1. A method of sensitivity table population discovery, comprising: the method comprises the following steps:

s101, determining marked sensitive data in a database;

2. The method of claim 1, wherein the method comprises: in step S101, the method specifically includes: and determining labeled sensitive data by a system maintenance person or a related service person, wherein the labeling form is as follows: table name-column name.

3. The method of claim 1, wherein the method comprises: the operation of establishing the blood relationship table in step S102 is:

4. The method of claim 3, wherein the method further comprises: the chain creation relationship diagram in step S103 specifically includes: and according to the blood relationship table in the step S1024, constructing a chain creation relationship diagram of each information table in the database by using the graph database, and storing the graph relationship in the index database.

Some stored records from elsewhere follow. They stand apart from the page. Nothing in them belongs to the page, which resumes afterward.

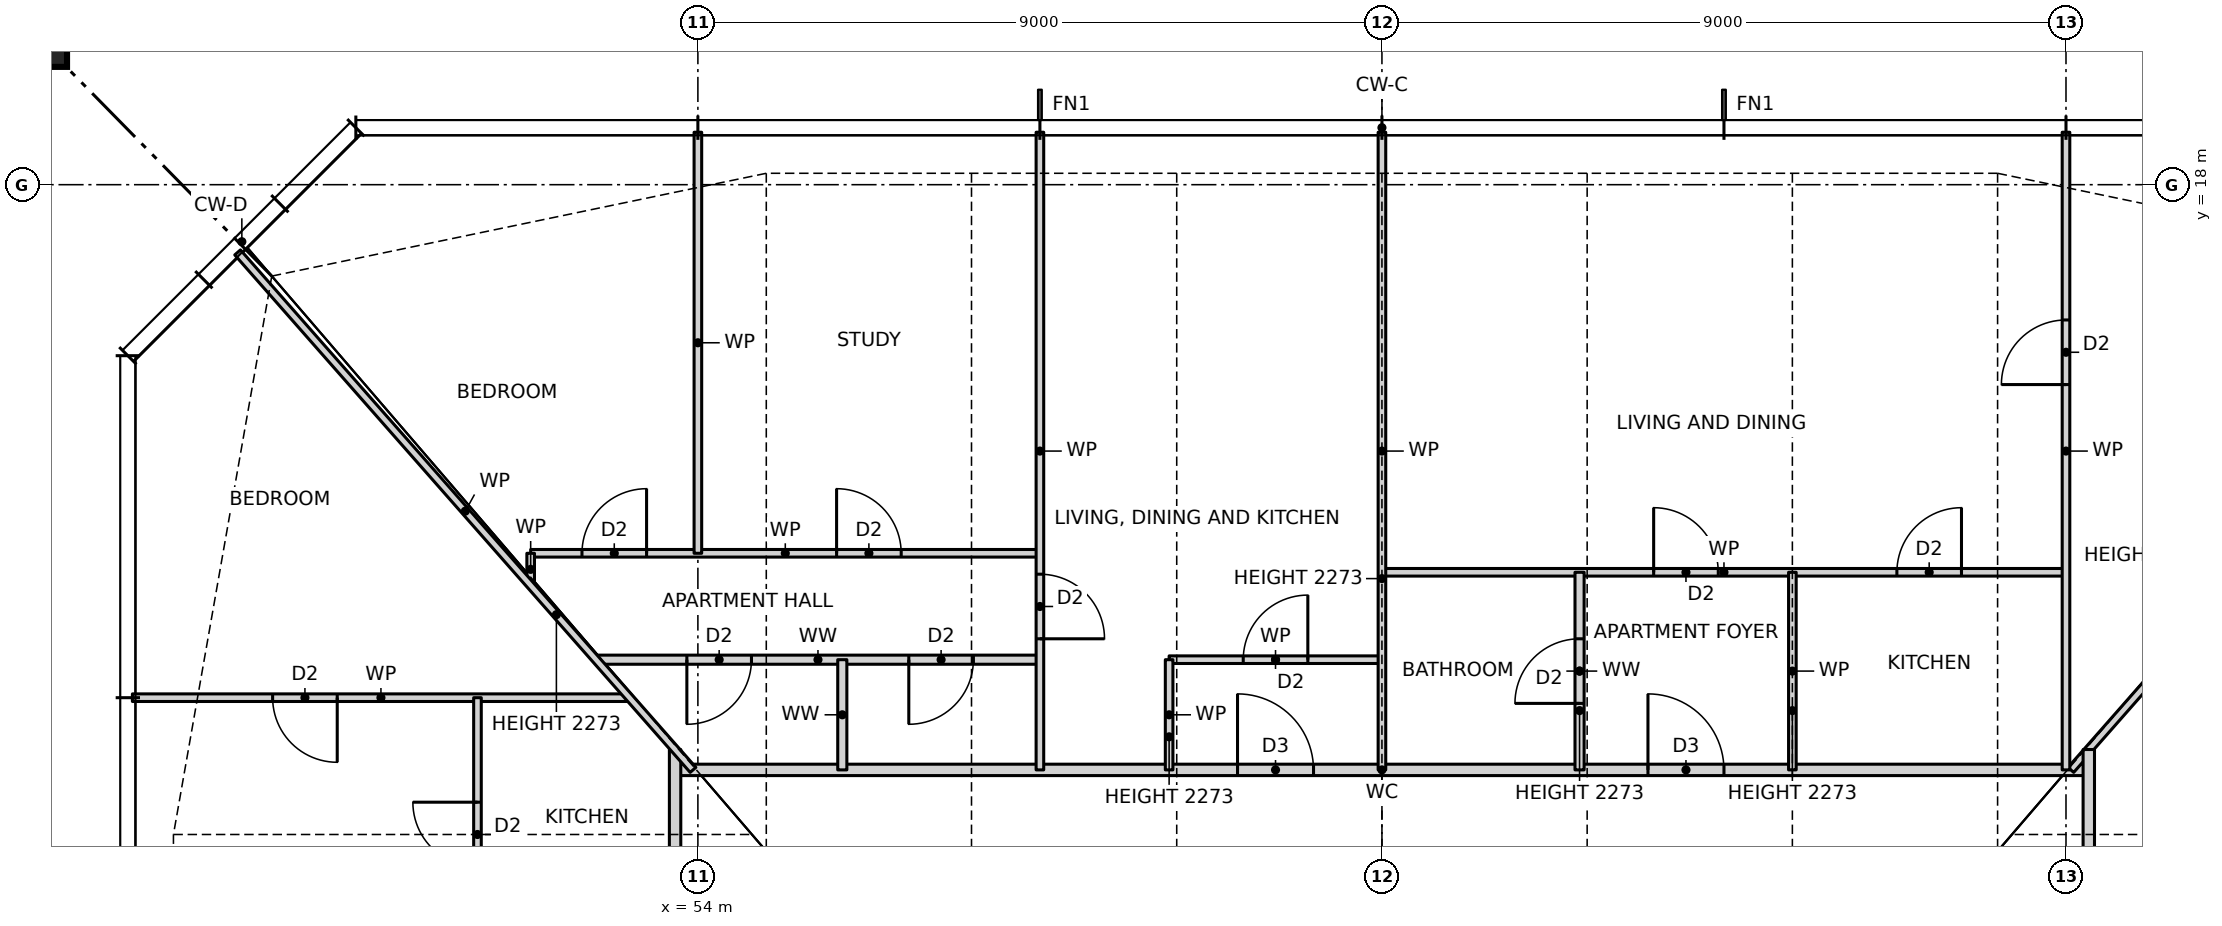
"""IFC4 building model, lengths in metres.
Left out: names, types, materials, properties, quantities, classifications, styles, units other than length and angle.
Written with IfcOpenShell. Run it as: python <this file> out.ifc"""

import sys

from ifc_helpers import new_model, si_unit, direction, frame, frame_2d, origin, origin_2d, place, context, subcontext, project, spatial, rectangle, hollow_rectangle, extrude, element, fill, save


model = new_model("IFC4")
c1 = context("Model", 3, precision=1e-05, world=origin(), true_north=direction((0.0, 1.0)))
c2 = subcontext(c1, "Body", "Model", "MODEL_VIEW")
j1 = project(units=[si_unit("LENGTHUNIT", "METRE"), si_unit("PLANEANGLEUNIT", "RADIAN")], contexts=[c1])
p1 = place(None, origin())
s1 = spatial("IfcSite", under=j1, at=p1, CompositionType="ELEMENT")
p2 = place(p1, origin())
s2 = spatial("IfcBuilding", under=s1, at=p2, CompositionType="ELEMENT")
p3 = place(p2, frame((0.0, 0.0, 71.0)))
s3 = spatial("IfcBuildingStorey", under=s2, at=p3, CompositionType="ELEMENT", Elevation=71.0)
p4 = place(p3, frame((45.1, 20.15, 0.0), z_axis=(0.0, 0.0, 1.0), x_axis=(1.0, 0.0, 0.0)))
e1 = element("IfcColumn", 1, at=p4, inside=s3, PredefinedType="COLUMN", context=c2, shape_type="SweptSolid", body=[
    extrude(hollow_rectangle(XDim=1.2, YDim=1.2, WallThickness=0.07, at=origin_2d()), origin(), (0.0, 0.0, 1.0), 3.5),
])
p5 = place(p3, frame((53.7, 10.3, 0.0), z_axis=(0.0, 0.0, 1.0), x_axis=(1.0, 0.0, 0.0)))
e2 = element("IfcWall", 2, at=p5, inside=s3, PredefinedType="PARTITIONING", context=c2, shape_type="SweptSolid", body=[
    extrude(rectangle(XDim=18.6, YDim=0.15, at=frame_2d((9.3, 0.0))), origin(), (0.0, 0.0, 1.0), 3.2),
])
p6 = place(p5, frame((12.8, 0.0, 0.0)))
e3 = element("IfcOpeningElement", 3, at=p6, cuts=e2, PredefinedType="OPENING", context=c2, shape_type="SweptSolid", body=[
    extrude(rectangle(XDim=1.0, YDim=2.1, at=frame_2d((0.5, 1.05))), frame((0.0, 0.085, 0.0), z_axis=(0.0, -1.0, 0.0), x_axis=(1.0, 0.0, 0.0)), (0.0, 0.0, 1.0), 0.17),
])
p7 = place(p5, frame((7.4, 0.0, 0.0)))
e4 = element("IfcOpeningElement", 4, at=p7, cuts=e2, PredefinedType="OPENING", context=c2, shape_type="SweptSolid", body=[
    extrude(rectangle(XDim=1.0, YDim=2.1, at=frame_2d((0.5, 1.05))), frame((0.0, 0.085, 0.0), z_axis=(0.0, -1.0, 0.0), x_axis=(1.0, 0.0, 0.0)), (0.0, 0.0, 1.0), 0.17),
])
p8 = place(p3, frame((46.56, 11.25, 0.0), z_axis=(0.0, 0.0, 1.0), x_axis=(1.0, 0.0, 0.0)))
e5 = element("IfcWall", 5, at=p8, inside=s3, PredefinedType="PARTITIONING", context=c2, shape_type="SweptSolid", body=[
    extrude(rectangle(XDim=6.54, YDim=0.1, at=frame_2d((3.27, 0.0))), origin(), (0.0, 0.0, 1.0), 3.2),
])
p9 = place(p8, frame((1.845, 0.0, 0.0)))
e6 = element("IfcOpeningElement", 6, at=p9, cuts=e5, PredefinedType="OPENING", context=c2, shape_type="SweptSolid", body=[
    extrude(rectangle(XDim=0.85, YDim=2.1, at=frame_2d((0.425, 1.05))), frame((0.0, 0.06, 0.0), z_axis=(0.0, -1.0, 0.0), x_axis=(1.0, 0.0, 0.0)), (0.0, 0.0, 1.0), 0.12),
])
p10 = place(p3, frame((52.66, 11.75, 0.0), z_axis=(0.0, 0.0, 1.0), x_axis=(1.0, 0.0, 0.0)))
e7 = element("IfcWall", 7, at=p10, inside=s3, PredefinedType="PARTITIONING", context=c2, shape_type="SweptSolid", body=[
    extrude(rectangle(XDim=5.84, YDim=0.12, at=frame_2d((2.92, 0.0))), origin(), (0.0, 0.0, 1.0), 3.2),
])
p11 = place(p10, frame((4.115, 0.0, 0.0)))
e8 = element("IfcOpeningElement", 8, at=p11, cuts=e7, PredefinedType="OPENING", context=c2, shape_type="SweptSolid", body=[
    extrude(rectangle(XDim=0.85, YDim=2.1, at=frame_2d((0.425, 1.05))), frame((0.0, 0.07, 0.0), z_axis=(0.0, -1.0, 0.0), x_axis=(1.0, 0.0, 0.0)), (0.0, 0.0, 1.0), 0.14),
])
p12 = place(p10, frame((1.195, 0.0, 0.0)))
e9 = element("IfcOpeningElement", 9, at=p12, cuts=e7, PredefinedType="OPENING", context=c2, shape_type="SweptSolid", body=[
    extrude(rectangle(XDim=0.85, YDim=2.1, at=frame_2d((0.425, 1.05))), frame((0.0, 0.07, 0.0), z_axis=(0.0, -1.0, 0.0), x_axis=(1.0, 0.0, 0.0)), (0.0, 0.0, 1.0), 0.14),
])
p13 = place(p3, frame((60.2, 11.75, 0.0), z_axis=(0.0, 0.0, 1.0), x_axis=(1.0, 0.0, 0.0)))
e10 = element("IfcWall", 10, at=p13, inside=s3, PredefinedType="PARTITIONING", context=c2, shape_type="SweptSolid", body=[
    extrude(rectangle(XDim=2.8, YDim=0.1, at=frame_2d((1.4, 0.0))), origin(), (0.0, 0.0, 1.0), 3.2),
])
p14 = place(p13, frame((0.975, 0.0, 0.0)))
e11 = element("IfcOpeningElement", 11, at=p14, cuts=e10, PredefinedType="OPENING", context=c2, shape_type="SweptSolid", body=[
    extrude(rectangle(XDim=0.85, YDim=2.1, at=frame_2d((0.425, 1.05))), frame((0.0, 0.06, 0.0), z_axis=(0.0, -1.0, 0.0), x_axis=(1.0, 0.0, 0.0)), (0.0, 0.0, 1.0), 0.12),
])
p15 = place(p3, frame((63.0, 12.9, 0.0), z_axis=(0.0, 0.0, 1.0), x_axis=(1.0, 0.0, 0.0)))
e12 = element("IfcWall", 12, at=p15, inside=s3, PredefinedType="PARTITIONING", context=c2, shape_type="SweptSolid", body=[
    extrude(rectangle(XDim=9.0, YDim=0.1, at=frame_2d((4.5, 0.0))), origin(), (0.0, 0.0, 1.0), 3.2),
])
p16 = place(p15, frame((6.775, 0.0, 0.0)))
e13 = element("IfcOpeningElement", 13, at=p16, cuts=e12, PredefinedType="OPENING", context=c2, shape_type="SweptSolid", body=[
    extrude(rectangle(XDim=0.85, YDim=2.1, at=frame_2d((0.425, 1.05))), frame((0.0, 0.06, 0.0), z_axis=(0.0, -1.0, 0.0), x_axis=(1.0, 0.0, 0.0)), (0.0, 0.0, 1.0), 0.12),
])
p17 = place(p15, frame((3.575, 0.0, 0.0)))
e14 = element("IfcOpeningElement", 14, at=p17, cuts=e12, PredefinedType="OPENING", context=c2, shape_type="SweptSolid", body=[
    extrude(rectangle(XDim=0.85, YDim=2.1, at=frame_2d((0.425, 1.05))), frame((0.0, 0.06, 0.0), z_axis=(0.0, -1.0, 0.0), x_axis=(1.0, 0.0, 0.0)), (0.0, 0.0, 1.0), 0.12),
])
p18 = place(p3, frame((51.8, 13.15, 0.0), z_axis=(0.0, 0.0, 1.0), x_axis=(1.0, 0.0, 0.0)))
e15 = element("IfcWall", 15, at=p18, inside=s3, PredefinedType="PARTITIONING", context=c2, shape_type="SweptSolid", body=[
    extrude(rectangle(XDim=6.7, YDim=0.1, at=frame_2d((3.35, 0.0))), origin(), (0.0, 0.0, 1.0), 3.2),
])
p19 = place(p18, frame((4.025, 0.0, 0.0)))
e16 = element("IfcOpeningElement", 16, at=p19, cuts=e15, PredefinedType="OPENING", context=c2, shape_type="SweptSolid", body=[
    extrude(rectangle(XDim=0.85, YDim=2.1, at=frame_2d((0.425, 1.05))), frame((0.0, 0.06, 0.0), z_axis=(0.0, -1.0, 0.0), x_axis=(1.0, 0.0, 0.0)), (0.0, 0.0, 1.0), 0.12),
])
p20 = place(p18, frame((0.675, 0.0, 0.0)))
e17 = element("IfcOpeningElement", 17, at=p20, cuts=e15, PredefinedType="OPENING", context=c2, shape_type="SweptSolid", body=[
    extrude(rectangle(XDim=0.85, YDim=2.1, at=frame_2d((0.425, 1.05))), frame((0.0, 0.06, 0.0), z_axis=(0.0, -1.0, 0.0), x_axis=(1.0, 0.0, 0.0)), (0.0, 0.0, 1.0), 0.12),
])
p21 = place(p3, frame((72.064, 10.3, 0.0), z_axis=(0.0, 0.0, 1.0), x_axis=(0.660700699661, 0.750649442461, 0.0)))
e18 = element("IfcWall", 18, at=p21, inside=s3, PredefinedType="PARTITIONING", context=c2, shape_type="SweptSolid", body=[
    extrude(rectangle(XDim=9.071, YDim=0.1, at=frame_2d((4.535, 0.0))), origin(), (0.0, 0.0, 1.0), 2.273),
])
p22 = place(p3, frame((72.3, -10.568, 0.0), z_axis=(0.0, 0.0, 1.0), x_axis=(0.0, 1.0, 0.0)))
e19 = element("IfcWall", 19, at=p22, inside=s3, PredefinedType="PARTITIONING", context=c2, shape_type="SweptSolid", body=[
    extrude(rectangle(XDim=21.136, YDim=0.15, at=frame_2d((10.568, 0.0))), origin(), (0.0, 0.0, 1.0), 3.2),
])
p23 = place(p22, frame((10.068, 0.0, 0.0)))
e20 = element("IfcOpeningElement", 20, at=p23, cuts=e19, PredefinedType="OPENING", context=c2, shape_type="SweptSolid", body=[
    extrude(rectangle(XDim=1.0, YDim=2.1, at=frame_2d((0.5, 1.05))), frame((0.0, 0.085, 0.0), z_axis=(0.0, -1.0, 0.0), x_axis=(1.0, 0.0, 0.0)), (0.0, 0.0, 1.0), 0.17),
])
p24 = place(p3, frame((72.0, 10.3, 0.0), z_axis=(0.0, 0.0, 1.0), x_axis=(0.0, 1.0, 0.0)))
e21 = element("IfcWall", 21, at=p24, inside=s3, PredefinedType="PARTITIONING", context=c2, shape_type="SweptSolid", body=[
    extrude(rectangle(XDim=8.39, YDim=0.1, at=frame_2d((4.195, 0.0))), origin(), (0.0, 0.0, 1.0), 3.2),
])
p25 = place(p24, frame((5.07, 0.0, 0.0)))
e22 = element("IfcOpeningElement", 22, at=p25, cuts=e21, PredefinedType="OPENING", context=c2, shape_type="SweptSolid", body=[
    extrude(rectangle(XDim=0.85, YDim=2.1, at=frame_2d((0.425, 1.05))), frame((0.0, 0.06, 0.0), z_axis=(0.0, -1.0, 0.0), x_axis=(1.0, 0.0, 0.0)), (0.0, 0.0, 1.0), 0.12),
])
p26 = place(p3, frame((68.4, 10.3, 0.0), z_axis=(0.0, 0.0, 1.0), x_axis=(0.0, 1.0, 0.0)))
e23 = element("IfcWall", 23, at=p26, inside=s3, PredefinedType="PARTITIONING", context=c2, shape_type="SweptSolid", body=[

5. The method of claim 4, wherein the method further comprises: the step S104 of searching for a sensitive table group having a direct or indirect blood relationship with sensitive data specifically includes: according to the sensitive data in the step S101, all tables in the chain-type created relationship graph are traversed by using a traversal algorithm, and sensitive table populations having direct or indirect relationships with the sensitive data and created dependencies therebetween are screened.

6. A system for sensitive form population discovery, comprising: comprises that

7. The system of claim 6, wherein: and determining labeled sensitive data by a system maintenance person or a related service person, wherein the labeling form is as follows: table name-column name.

8. The system of claim 6, wherein: the establishment of the blood relationship table specifically comprises the following steps:

9. The system of claim 8, wherein: the chain creation relationship diagram specifically includes: and according to the blood relationship table, constructing a chain creation relationship diagram of each information table in a database by using a diagram database, and storing the relationship diagram in a diagram database.

10. The system of claim 9, wherein: and traversing all tables in the chain creation relationship graph by using a traversal algorithm according to the sensitive data, and screening a sensitive table population which has a direct or indirect relationship with the sensitive data and a creation dependency relationship between the sensitive table population and the sensitive data.